The freight train moves on a flat section of the road at a speed of 60 km / h, while the electric locomotive

The freight train moves on a flat section of the road at a speed of 60 km / h, while the electric locomotive develops a net power of 100 kW. At what speed (in km / h) it is necessary to climb the section with a slope of 1 m by 200 m of the path so that the developed power is equal to 120 kW? The drag force is 0.01 times the gravity of the train.

V1 = 60 km / h = 16.6 m / s.
N1 = 100 kW = 100000 W.
h = 1 m.
L = 200 m.
Fcopr = 0.01 * m * g.
N2 = 120 kW = 120,000 W.
V2 -?
With uniform movement, the power is determined by the formula: N = Ft * V, where Ft is the traction force of the train, V is the speed of its movement.
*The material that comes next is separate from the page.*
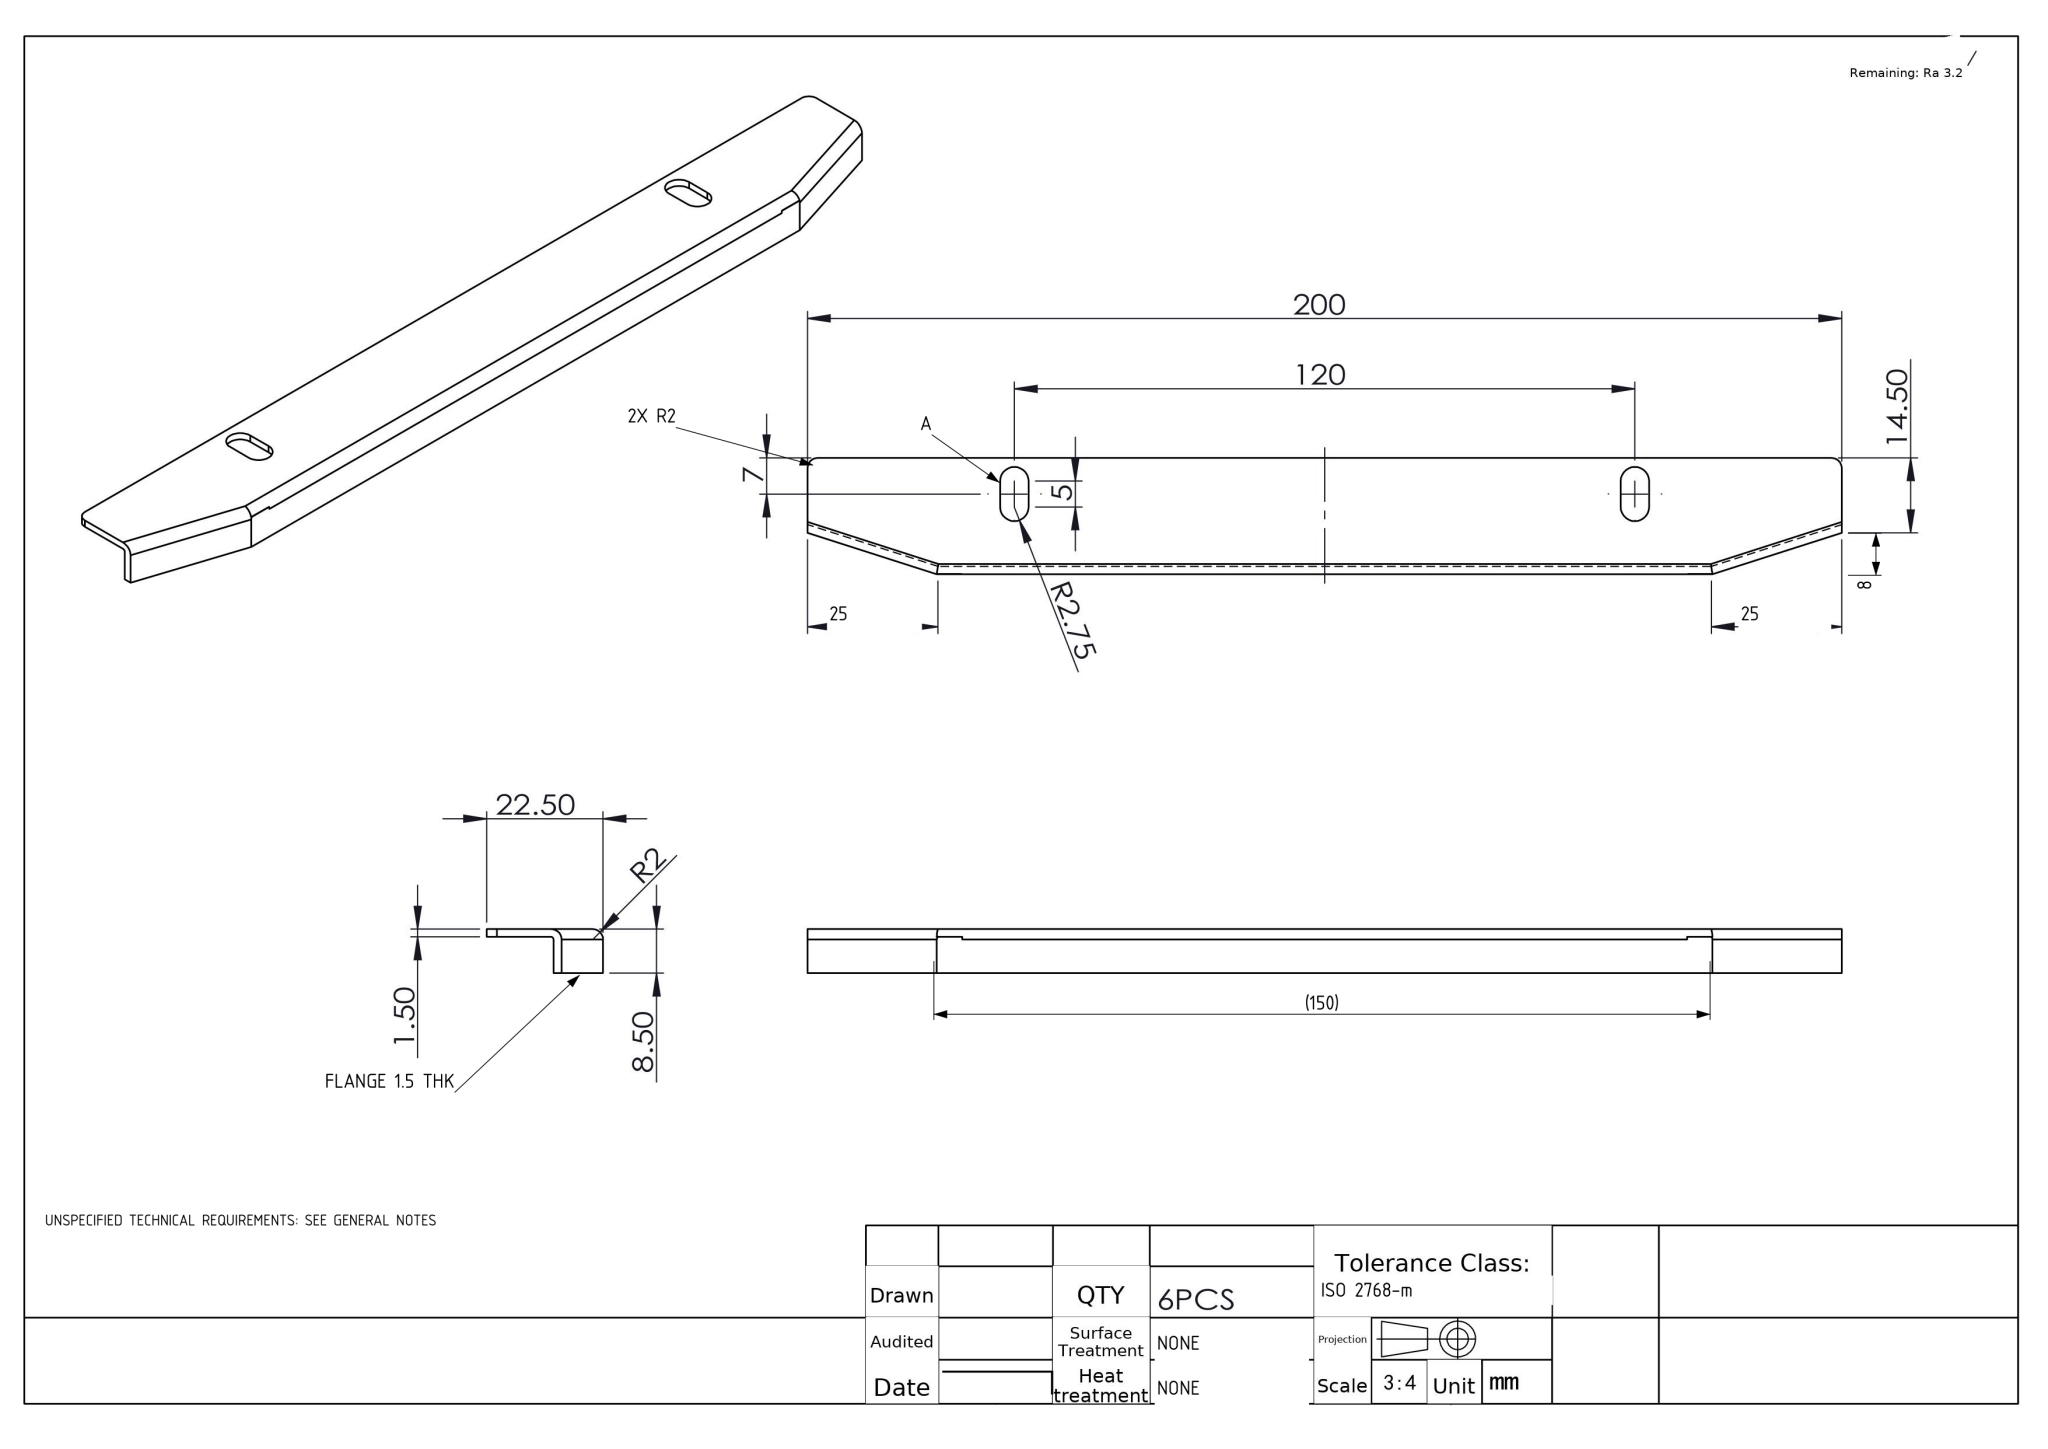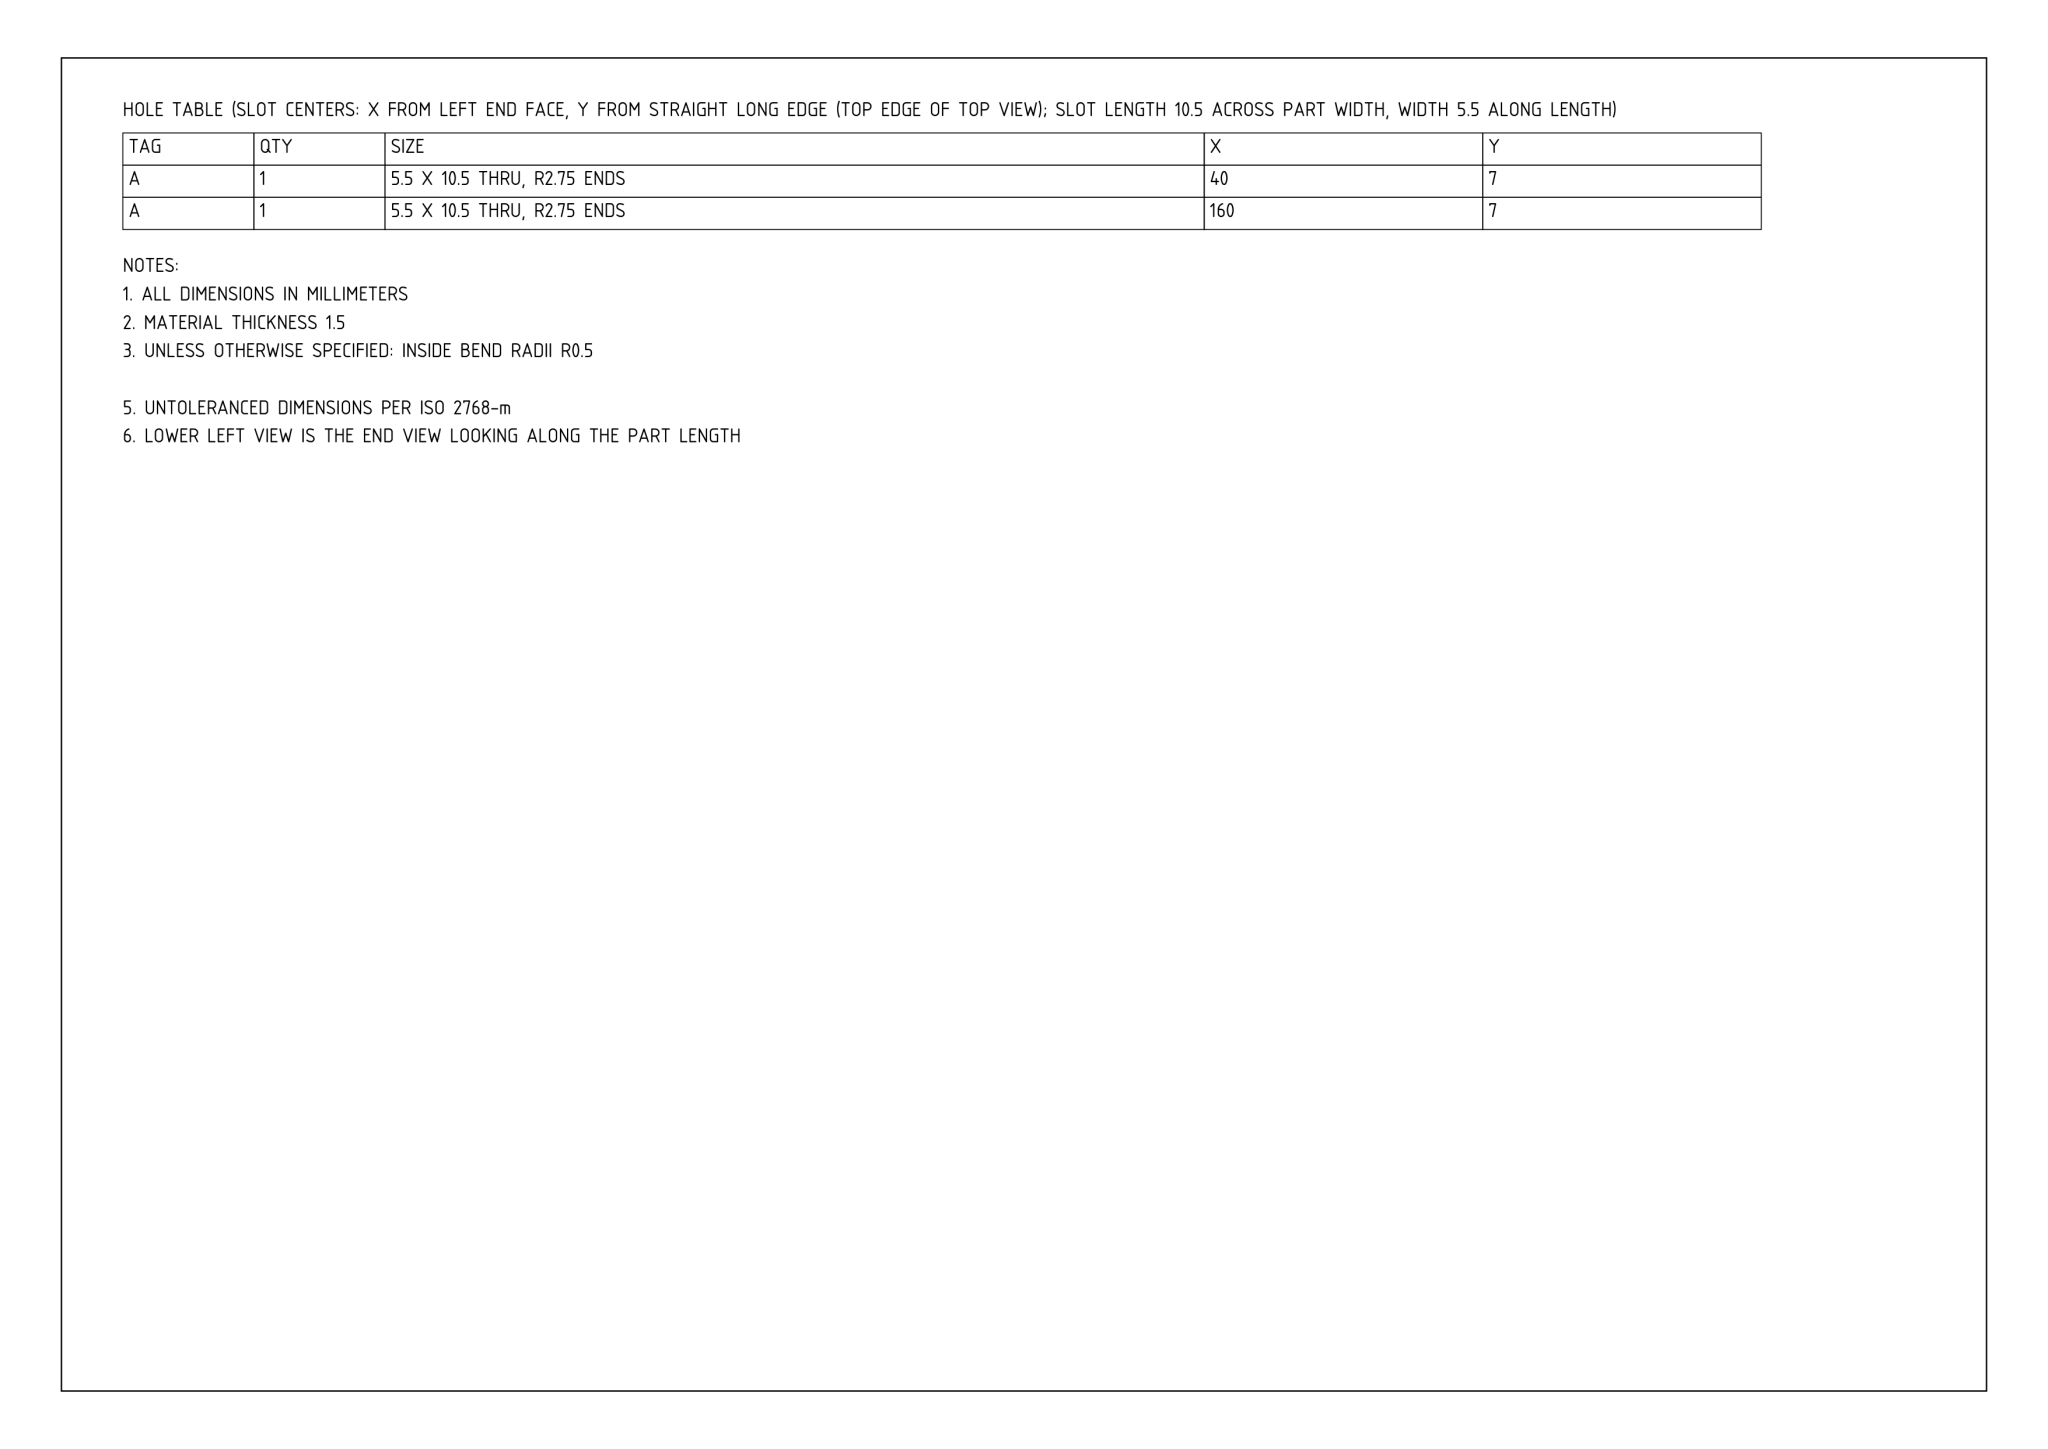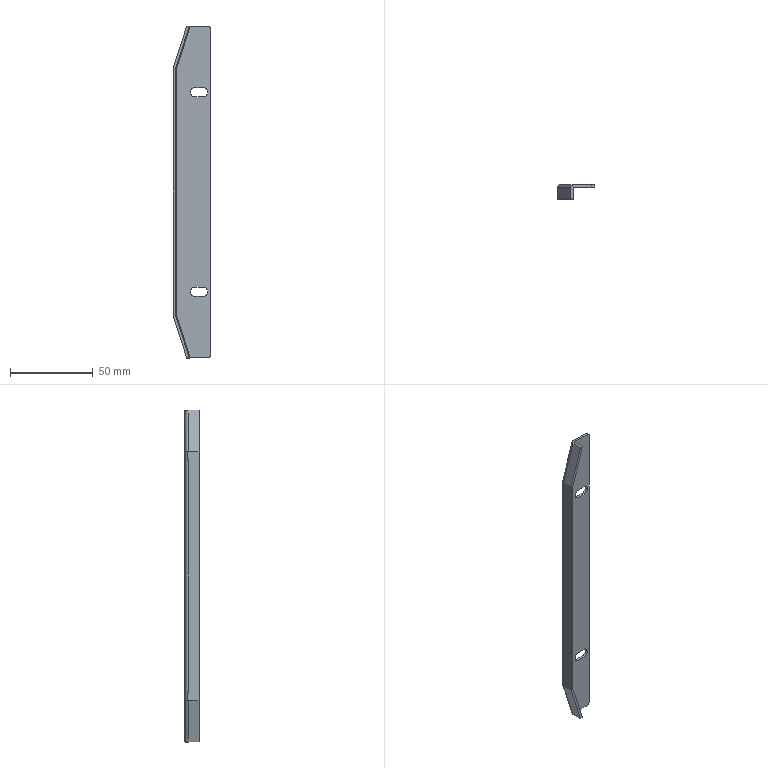Part | NX | mm | 1 solid | 36 faces | box 22.5 x 8.5 x 200 mm | volume 8257 mm3 | plane 20 | cylinder 14 | sphere 2 | commonest cylinder face diameters 1 x5 4 x5 5.5 x4

Since the train moves uniformly, the traction force Fт1 is equal to the resistance force Fcop: Ft1 = Fcop.
The resistance force is determined by the formula: Fcopr = 0.01 * m * g.
N1 = 0.01 * m * g * V1.
m * g = N1 / 0.01 * V1.
When lifting, the traction force is equal to Fт2 = Fсopr + m * g * sinα, where ∠α is the angle of inclination of the road section.
sinα = h / L.
Ft2 = 0.01 * m * g + m * g * h / L.
N2 = (0.01 * m * g + m * g * h / L) * V2.
V2 = N2 / (0.01 * m * g + m * g * h / L).
V2 = N2 / (N1 / V1 + N1 * h / V1 * 0.01 * L).
V2 = 120,000 W / (100,000 W / 16.6 m / s + 100,000 W * 1 m / 16.6 m / s * 0.01 * 200 m) = 13.2 m / s.
Answer: the train must move at a speed V2 = 13.2 m / s.